The dinner show was fairly low-key. These were not professional entertainers, but more hobby and amateur cultural enthusiast hotel employees with community theater-level costumes, make-up, and stage works. They opened with a folk opera dance and had a couple of vocal solos and other folk dances that seemed to have a slight Western cowboy spin on them. The second-to-last act was some dancers and a crazy Yak, who ended up getting milked on stage and then worked its way through the audience. The finale was our Viking Guides getting up on stage and doing some dancing and singing with some of the guests. It was a fun evening with a decent meal.
We retired back to the hotel about 8 p.m. We start our attempt to climb the Potala Palace tomorrow at 9 a.m.
The Great Firewall of China extends well into Tibet.

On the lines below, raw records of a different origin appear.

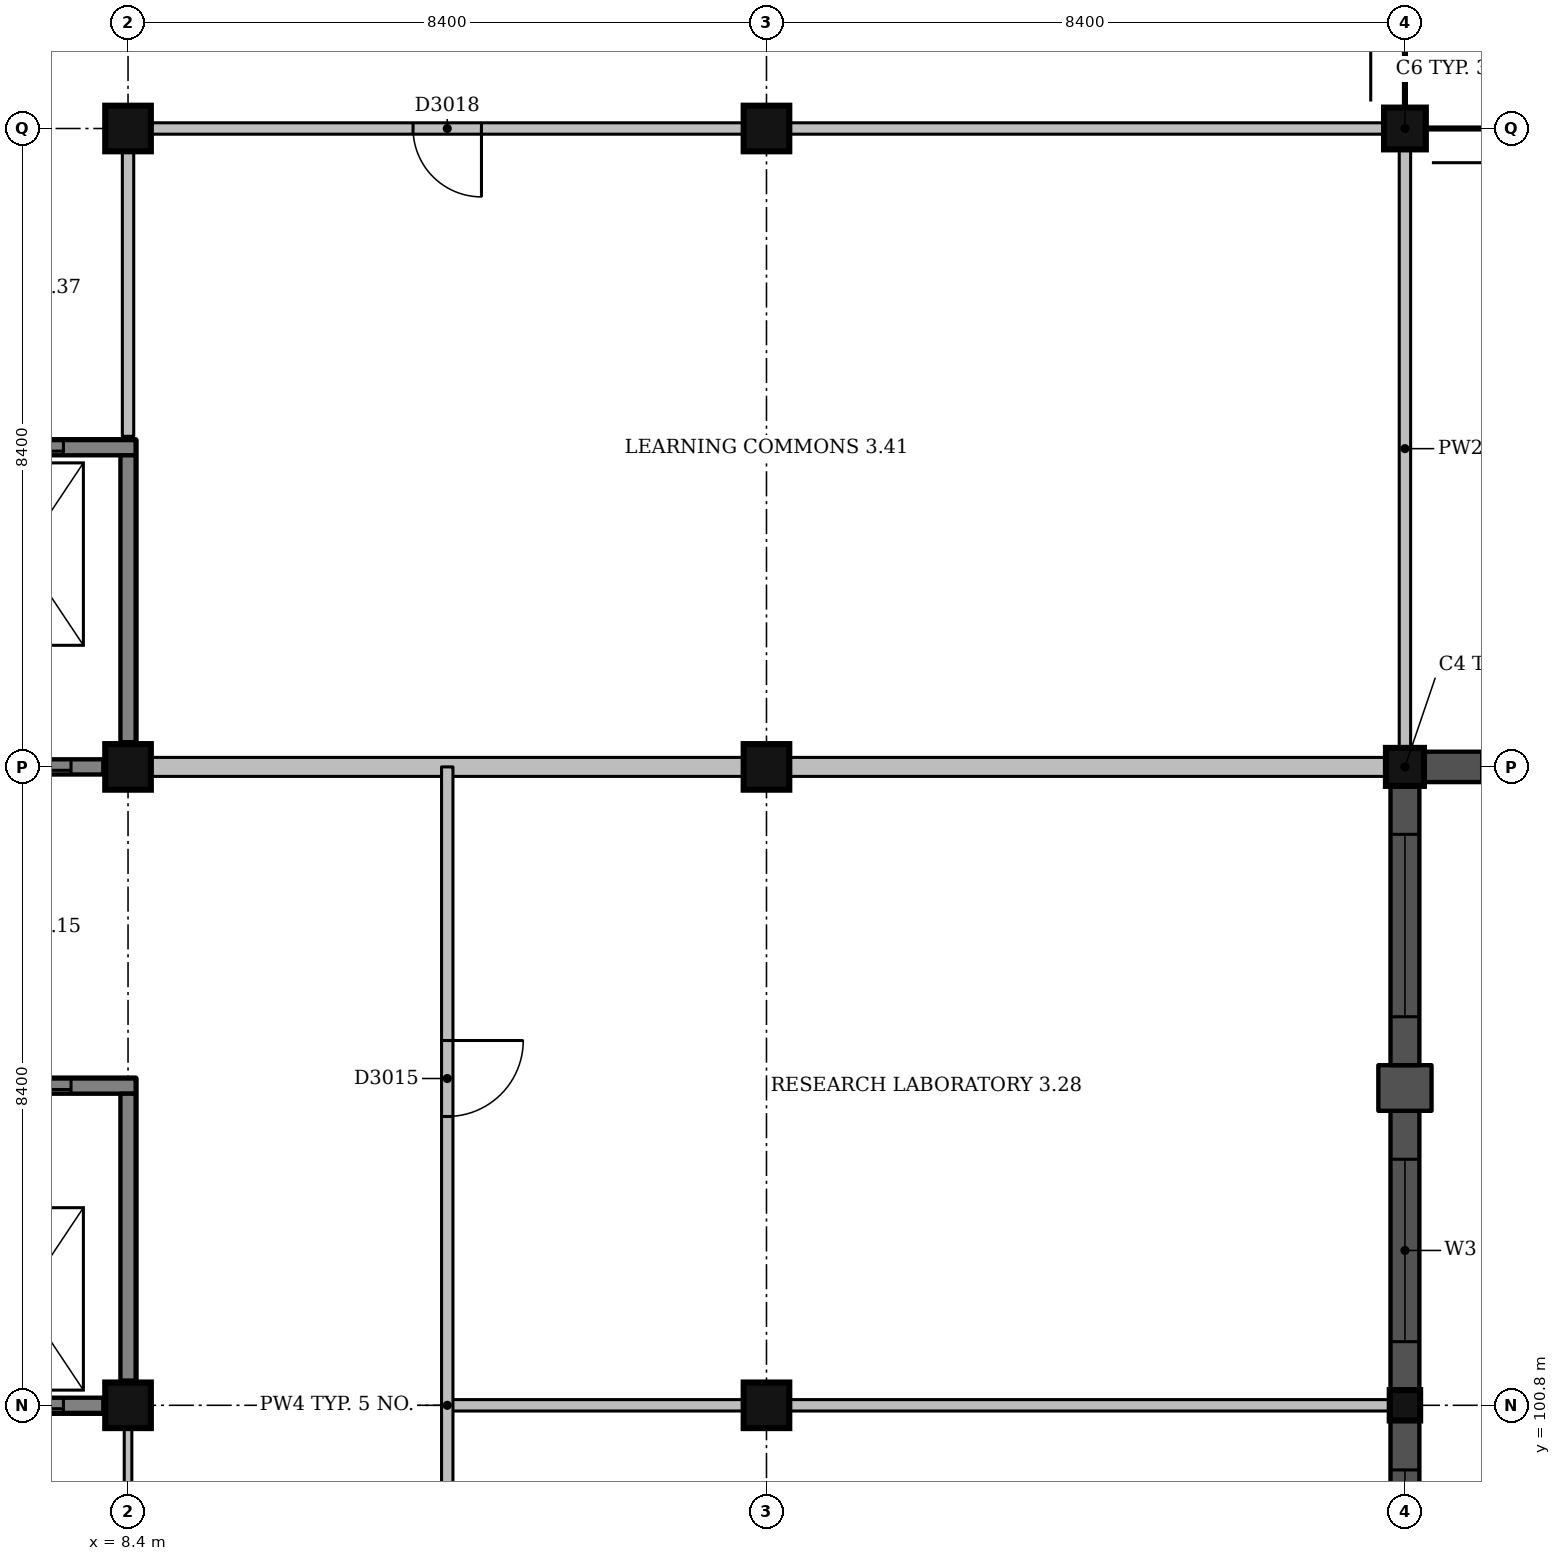
"""IFC4 building model, lengths in metres.
Left out: names, types, materials, properties, quantities, classifications, styles, units other than length and angle.
Written with IfcOpenShell. Run it as: python <this file> out.ifc"""

import sys

from ifc_helpers import new_model, si_unit, direction, frame, frame_2d, origin, origin_2d, place, context, subcontext, project, spatial, rectangle, extrude, element, fill, save


model = new_model("IFC4")
c1 = context("Model", 3, precision=1e-05, world=origin(), true_north=direction((0.0, 1.0)))
c2 = subcontext(c1, "Body", "Model", "MODEL_VIEW")
j1 = project(units=[si_unit("LENGTHUNIT", "METRE"), si_unit("PLANEANGLEUNIT", "RADIAN")], contexts=[c1])
p1 = place(None, origin())
s1 = spatial("IfcSite", under=j1, at=p1, CompositionType="ELEMENT")
p2 = place(p1, origin())
s2 = spatial("IfcBuilding", under=s1, at=p2, CompositionType="ELEMENT")
p3 = place(p2, frame((0.0, 0.0, 13.5)))
s3 = spatial("IfcBuildingStorey", under=s2, at=p3, CompositionType="ELEMENT", Elevation=13.5)
for number, where, z_axis, x_axis in (
    (1, (8.4, 100.8, 0.0), (0.0, 0.0, 1.0), (1.0, 0.0, 0.0)),
    (2, (8.4, 109.2, 0.0), (0.0, 0.0, 1.0), (1.0, 0.0, 0.0)),
    (3, (16.8, 100.8, 0.0), (0.0, 0.0, 1.0), (1.0, 0.0, 0.0)),
    (4, (16.8, 109.2, 0.0), (0.0, 0.0, 1.0), (1.0, 0.0, 0.0)),
):
    element("IfcColumn", number, at=place(p3, frame(where, z_axis=z_axis, x_axis=x_axis)), inside=s3, PredefinedType="COLUMN", context=c2, shape_type="SweptSolid", body=[
        extrude(rectangle(XDim=0.6, YDim=0.6, at=origin_2d()), origin(), (0.0, 0.0, 1.0), 4.5),
    ])
p4 = place(p3, frame((25.2, 100.8, 0.0), z_axis=(0.0, 0.0, 1.0), x_axis=(1.0, 0.0, 0.0)))
e5 = element("IfcColumn", 5, at=p4, inside=s3, PredefinedType="COLUMN", context=c2, shape_type="SweptSolid", body=[
    extrude(rectangle(XDim=0.4, YDim=0.4, at=origin_2d()), origin(), (0.0, 0.0, 1.0), 4.5),
])
p5 = place(p3, frame((25.2, 109.2, 0.0), z_axis=(0.0, 0.0, 1.0), x_axis=(1.0, 0.0, 0.0)))
e6 = element("IfcColumn", 6, at=p5, inside=s3, PredefinedType="COLUMN", context=c2, shape_type="SweptSolid", body=[
    extrude(rectangle(XDim=0.5, YDim=0.5, at=origin_2d()), origin(), (0.0, 0.0, 1.0), 4.5),
])
for number, where, z_axis, x_axis in (
    (7, (8.4, 117.6, 0.0), (0.0, 0.0, 1.0), (1.0, 0.0, 0.0)),
    (8, (16.8, 117.6, 0.0), (0.0, 0.0, 1.0), (1.0, 0.0, 0.0)),
):
    element("IfcColumn", number, at=place(p3, frame(where, z_axis=z_axis, x_axis=x_axis)), inside=s3, PredefinedType="COLUMN", context=c2, shape_type="SweptSolid", body=[
        extrude(rectangle(XDim=0.6, YDim=0.6, at=origin_2d()), origin(), (0.0, 0.0, 1.0), 4.5),
    ])
p6 = place(p3, frame((25.2, 117.6, 0.0), z_axis=(0.0, 0.0, 1.0), x_axis=(1.0, 0.0, 0.0)))
e9 = element("IfcColumn", 9, at=p6, inside=s3, PredefinedType="COLUMN", context=c2, shape_type="SweptSolid", body=[
    extrude(rectangle(XDim=0.55, YDim=0.55, at=origin_2d()), origin(), (0.0, 0.0, 1.0), 4.5),
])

Not only does it block access to most US-based internet company services like Google, YouTube, Blogger, and many others, but China also makes it so that any hotel Wi-Fi is not allowed to connect to any device with a VPN installed. And even with an eSIM with direct cellular data that seems to work with a VPN under most circumstances, there is just enough interference to make posting any images to Blogger impractical. The Chinese expect everyone to use WeChat and TikTok, and nothing else, I suppose. So this blog may look pretty boring without photos for a while until we get back to the USA and can upload the images to Blogger.